The solution to a practitioner (and most researchers) is to create rules-of-thumb that both work with a correct definition but is also simple and quick to apply. My rules-of-thumbs would be (1) to define the p-value as a percentile on the distribution of the null hypothesis, (2) to quantify an alternative hypothesis when interpreting evidence (it can be done using sensitiveness—Perezgonzalez, 2017, https://osf.io/preprints/psyarxiv/qd3gu—, Neyman-Pearson’s approach—a.k.a., a power analysis—, or Jeffreys’s approach—a.k.a., Bayes Factors; the latter can be easily implemented using JASP, a statistics software that allows for both frequentist and BF analysis, and (3) to only talk of testing hypotheses when using a fully developed Bayesian approach (thus, neither with simple tests of significance, nor with tests of acceptance, nor with Bayes Factors).

Thank you for such a detailed response, lots to take in and learn. I’m going to read the links you provided and make sure I fully understand what a p-value is.

Thank you for an enlightening answer! I have seen the normal distribution and the percentile interpretation many times, but this was the first time something about it clicked for me. This is now my go-to definition!

In general, you seem to support my (reformulated) point I was trying to make: that as the correct definition is so abstract and difficult, people will not use it, so it’s better to rely on rules-of-thumb that convey the crucial idea without tripping us with the unintuitive exact wording. Adding the two additional rules – alternative hypothesis and approaches that utilize it, and that really testing a hypothesis needs a fully Bayesian approach (which I don’t know what it is right now) – give good context to show the limits of the p-value and what else there is.

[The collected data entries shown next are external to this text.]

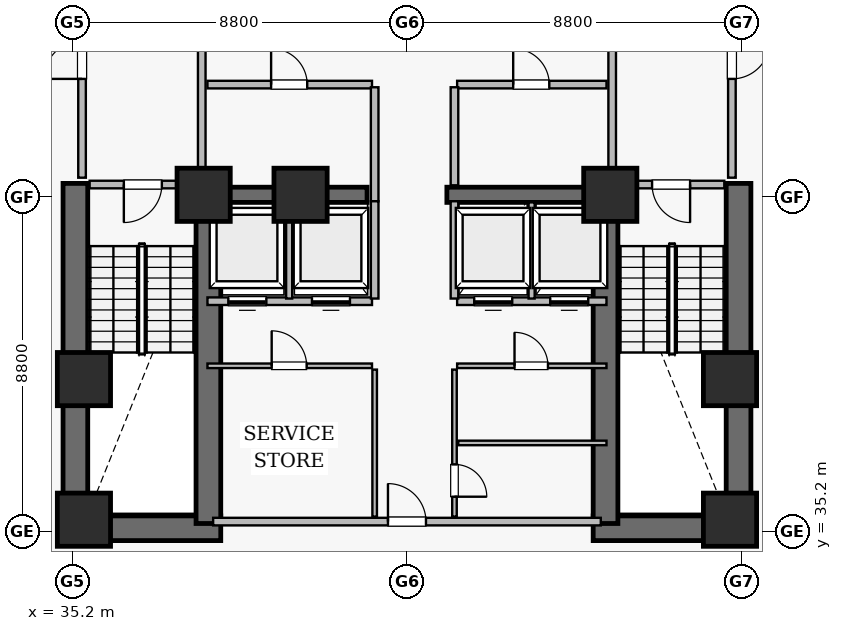
"""IFC4 building model, lengths in metres.
Left out: names, types, materials, properties, quantities, classifications, styles, units other than length and angle.
Written with IfcOpenShell. Run it as: python <this file> out.ifc"""

import sys

from ifc_helpers import new_model, si_unit, direction, frame, frame_2d, origin, origin_2d, place, context, subcontext, project, spatial, rectangle, extrude, element, fill, save


model = new_model("IFC4")
c1 = context("Model", 3, precision=1e-05, world=origin(), true_north=direction((0.0, 1.0)))
c2 = subcontext(c1, "Body", "Model", "MODEL_VIEW")
j1 = project(units=[si_unit("LENGTHUNIT", "METRE"), si_unit("PLANEANGLEUNIT", "RADIAN")], contexts=[c1])
p1 = place(None, origin())
s1 = spatial("IfcSite", under=j1, at=p1, CompositionType="ELEMENT")
p2 = place(p1, origin())
s2 = spatial("IfcBuilding", under=s1, at=p2, CompositionType="ELEMENT")
p3 = place(p2, frame((0.0, 0.0, -3.9)))
s3 = spatial("IfcBuildingStorey", under=s2, at=p3, CompositionType="ELEMENT", Elevation=-3.9)
for number, where, z_axis, x_axis in (
    (1, (34.95, 35.275, 0.0), (0.0, 0.0, 1.0), (1.0, 0.0, 0.0)),
    (2, (48.9, 35.275, 0.0), (0.0, 0.0, 1.0), (1.0, 0.0, 0.0)),
):
    element("IfcWall", number, at=place(p3, frame(where, z_axis=z_axis, x_axis=x_axis)), inside=s3, PredefinedType="SHEAR", context=c2, shape_type="SweptSolid", body=[
        extrude(rectangle(XDim=4.15, YDim=0.65, at=frame_2d((2.075, 0.0))), origin(), (0.0, 0.0, 1.0), 3.6),
    ])
for number, where, z_axis, x_axis in (
    (3, (35.275, 34.95, 0.0), (0.0, 0.0, 1.0), (0.0, 1.0, 0.0)),
    (4, (52.725, 34.95, 0.0), (0.0, 0.0, 1.0), (0.0, 1.0, 0.0)),
):
    element("IfcWall", number, at=place(p3, frame(where, z_axis=z_axis, x_axis=x_axis)), inside=s3, PredefinedType="SHEAR", context=c2, shape_type="SweptSolid", body=[
        extrude(rectangle(XDim=9.4, YDim=0.65, at=frame_2d((4.7, 0.0))), origin(), (0.0, 0.0, 1.0), 3.6),
    ])
for number, where, z_axis, x_axis in (
    (5, (38.775, 35.4, 0.0), (0.0, 0.0, 1.0), (0.0, 1.0, 0.0)),
    (6, (49.225, 35.4, 0.0), (0.0, 0.0, 1.0), (0.0, 1.0, 0.0)),
):
    element("IfcWall", number, at=place(p3, frame(where, z_axis=z_axis, x_axis=x_axis)), inside=s3, PredefinedType="SHEAR", context=c2, shape_type="SweptSolid", body=[
        extrude(rectangle(XDim=8.95, YDim=0.65, at=frame_2d((4.475, 0.0))), origin(), (0.0, 0.0, 1.0), 3.6),
    ])
for number, where, z_axis, x_axis in (
    (7, (38.75, 44.05, 0.0), (0.0, 0.0, 1.0), (1.0, 0.0, 0.0)),
    (8, (45.05, 44.05, 0.0), (0.0, 0.0, 1.0), (1.0, 0.0, 0.0)),
):
    element("IfcWall", number, at=place(p3, frame(where, z_axis=z_axis, x_axis=x_axis)), inside=s3, PredefinedType="SHEAR", context=c2, shape_type="SweptSolid", body=[
        extrude(rectangle(XDim=4.2, YDim=0.4, at=frame_2d((2.1, 0.0))), origin(), (0.0, 0.0, 1.0), 3.6),
    ])
for number, where, z_axis, x_axis in (
    (9, (35.5, 35.5, 0.0), (0.0, 0.0, 1.0), (1.0, 0.0, 0.0)),
    (10, (38.65, 44.05, 0.0), (0.0, 0.0, 1.0), (1.0, 0.0, 0.0)),
    (11, (52.5, 35.5, 0.0), (0.0, 0.0, 1.0), (1.0, 0.0, 0.0)),
    (12, (52.5, 39.2, 0.0), (0.0, 0.0, 1.0), (1.0, 0.0, 0.0)),
    (13, (49.35, 44.05, 0.0), (0.0, 0.0, 1.0), (1.0, 0.0, 0.0)),
    (14, (35.5, 39.2, 0.0), (0.0, 0.0, 1.0), (1.0, 0.0, 0.0)),
    (15, (41.2, 44.05, 0.0), (0.0, 0.0, 1.0), (1.0, 0.0, 0.0)),
):
    element("IfcColumn", number, at=place(p3, frame(where, z_axis=z_axis, x_axis=x_axis)), inside=s3, PredefinedType="COLUMN", context=c2, shape_type="SweptSolid", body=[
        extrude(rectangle(XDim=1.4, YDim=1.4, at=origin_2d()), origin(), (0.0, 0.0, 1.0), 3.9),
    ])
p4 = place(p3, frame((38.9, 35.45, 0.0), z_axis=(0.0, 0.0, 1.0), x_axis=(1.0, 0.0, 0.0)))
e16 = element("IfcWall", 16, at=p4, inside=s3, PredefinedType="SOLIDWALL", context=c2, shape_type="SweptSolid", body=[
    extrude(rectangle(XDim=10.2, YDim=0.2, at=frame_2d((5.1, 0.0))), origin(), (0.0, 0.0, 1.0), 3.6),
])
p5 = place(p4, frame((4.6, 0.0, 0.0)))
e17 = element("IfcOpeningElement", 17, at=p5, cuts=e16, PredefinedType="OPENING", context=c2, shape_type="SweptSolid", body=[
    extrude(rectangle(XDim=1.0, YDim=2.15, at=frame_2d((0.5, 1.075))), frame((0.0, 0.11, 0.0), z_axis=(0.0, -1.0, 0.0), x_axis=(1.0, 0.0, 0.0)), (0.0, 0.0, 1.0), 0.22),
])
p6 = place(p3, frame((35.45, 44.5, 0.0), z_axis=(0.0, 0.0, 1.0), x_axis=(0.0, 1.0, 0.0)))
e18 = element("IfcWall", 18, at=p6, inside=s3, PredefinedType="SOLIDWALL", context=c2, shape_type="SweptSolid", body=[
    extrude(rectangle(XDim=7.92, YDim=0.2, at=frame_2d((3.96, 0.0))), origin(), (0.0, 0.0, 1.0), 3.6),
])
p7 = place(p6, frame((2.6, 0.0, 0.0)))
e19 = element("IfcOpeningElement", 19, at=p7, cuts=e18, PredefinedType="OPENING", context=c2, shape_type="SweptSolid", body=[
    extrude(rectangle(XDim=1.0, YDim=2.15, at=frame_2d((0.5, 1.075))), frame((0.0, 0.11, 0.0), z_axis=(0.0, -1.0, 0.0), x_axis=(1.0, 0.0, 0.0)), (0.0, 0.0, 1.0), 0.22),
])
p8 = place(p3, frame((52.55, 44.5, 0.0), z_axis=(0.0, 0.0, 1.0), x_axis=(0.0, 1.0, 0.0)))
e20 = element("IfcWall", 20, at=p8, inside=s3, PredefinedType="SOLIDWALL", context=c2, shape_type="SweptSolid", body=[
    extrude(rectangle(XDim=7.92, YDim=0.2, at=frame_2d((3.96, 0.0))), origin(), (0.0, 0.0, 1.0), 3.6),
])
p9 = place(p8, frame((2.6, 0.0, 0.0)))
e21 = element("IfcOpeningElement", 21, at=p9, cuts=e20, PredefinedType="OPENING", context=c2, shape_type="SweptSolid", body=[
    extrude(rectangle(XDim=1.0, YDim=2.15, at=frame_2d((0.5, 1.075))), frame((0.0, 0.11, 0.0), z_axis=(0.0, -1.0, 0.0), x_axis=(1.0, 0.0, 0.0)), (0.0, 0.0, 1.0), 0.22),
])
p10 = place(p3, frame((38.6, 44.5, 0.0), z_axis=(0.0, 0.0, 1.0), x_axis=(0.0, 1.0, 0.0)))
e22 = element("IfcWall", 22, at=p10, inside=s3, PredefinedType="SOLIDWALL", context=c2, shape_type="SweptSolid", body=[
    extrude(rectangle(XDim=7.92, YDim=0.2, at=frame_2d((3.96, 0.0))), origin(), (0.0, 0.0, 1.0), 3.6),
])
p11 = place(p10, frame((3.425, 0.0, 0.0)))
e23 = element("IfcOpeningElement", 23, at=p11, cuts=e22, PredefinedType="OPENING", context=c2, shape_type="SweptSolid", body=[
    extrude(rectangle(XDim=0.95, YDim=2.15, at=frame_2d((0.475, 1.075))), frame((0.0, 0.11, 0.0), z_axis=(0.0, -1.0, 0.0), x_axis=(1.0, 0.0, 0.0)), (0.0, 0.0, 1.0), 0.22),
])
p12 = place(p3, frame((49.4, 44.5, 0.0), z_axis=(0.0, 0.0, 1.0), x_axis=(0.0, 1.0, 0.0)))
e24 = element("IfcWall", 24, at=p12, inside=s3, PredefinedType="SOLIDWALL", context=c2, shape_type="SweptSolid", body=[
    extrude(rectangle(XDim=7.92, YDim=0.2, at=frame_2d((3.96, 0.0))), origin(), (0.0, 0.0, 1.0), 3.6),
])
p13 = place(p12, frame((3.425, 0.0, 0.0)))
e25 = element("IfcOpeningElement", 25, at=p13, cuts=e24, PredefinedType="OPENING", context=c2, shape_type="SweptSolid", body=[
    extrude(rectangle(XDim=0.95, YDim=2.15, at=frame_2d((0.475, 1.075))), frame((0.0, 0.11, 0.0), z_axis=(0.0, -1.0, 0.0), x_axis=(1.0, 0.0, 0.0)), (0.0, 0.0, 1.0), 0.22),
])
p14 = place(p3, frame((38.75, 46.95, 0.0), z_axis=(0.0, 0.0, 1.0), x_axis=(1.0, 0.0, 0.0)))
e26 = element("IfcWall", 26, at=p14, inside=s3, PredefinedType="SOLIDWALL", context=c2, shape_type="SweptSolid", body=[
    extrude(rectangle(XDim=4.33, YDim=0.2, at=frame_2d((2.165, 0.0))), origin(), (0.0, 0.0, 1.0), 3.6),
])
p15 = place(p14, frame((1.675, 0.0, 0.0)))
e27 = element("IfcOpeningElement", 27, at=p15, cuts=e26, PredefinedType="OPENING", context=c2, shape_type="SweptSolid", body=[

This is how p-values should be taught in universities!

I feared my question was stupid, but it seems that once again it was better to still present it; I actually learned something.

Mathematical training gives us the mindset to think about the existence of things, rather than how common or rare that existence might be.

The twitter quotes from D. Lakens show the existence of cases where there is (1) a specific alternate hypothesis (i.e. the hypothesis specifies a value for a model parameter, not only that it differs from the null hypothesis), (2) a statistical test with extremely high power, over 99%, and (3) a dataset that is large, perhaps even larger than is strictly needed.

Under these conditions, some p-values slightly below 0.05 would actually support the null hypothesis rather than the research hypothesis, and the simplistic use of p-values gives the wrong result. To be able to recognize and correctly deal with these conditions, one should indeed have a detailed understanding of the p-value.

But how common are these conditions? How often have you faced these conditions in your career? How often would a random researcher face these conditions? Every year? Or, on the average, not even once in their lifetime?

Isn’t it overwhelmingly more common that people work with tests that have statistical power that is rather lower than desired (rather than over 99%), or with non-specific alternate hypotheses so that statistical power is not even defined, and with datasets that are rather too small than too large? So does it really matter if we use only the simplistic understanding of the p-value?

Psychology has a replication crisis, but it has to do with detecting false signals at 0.05 significance level from too small datasets. It has to do with publication bias. I don’t think it has to do with misinterpreting the meaning of a p-value when applying almost too strong statistical power to almost too large datasets.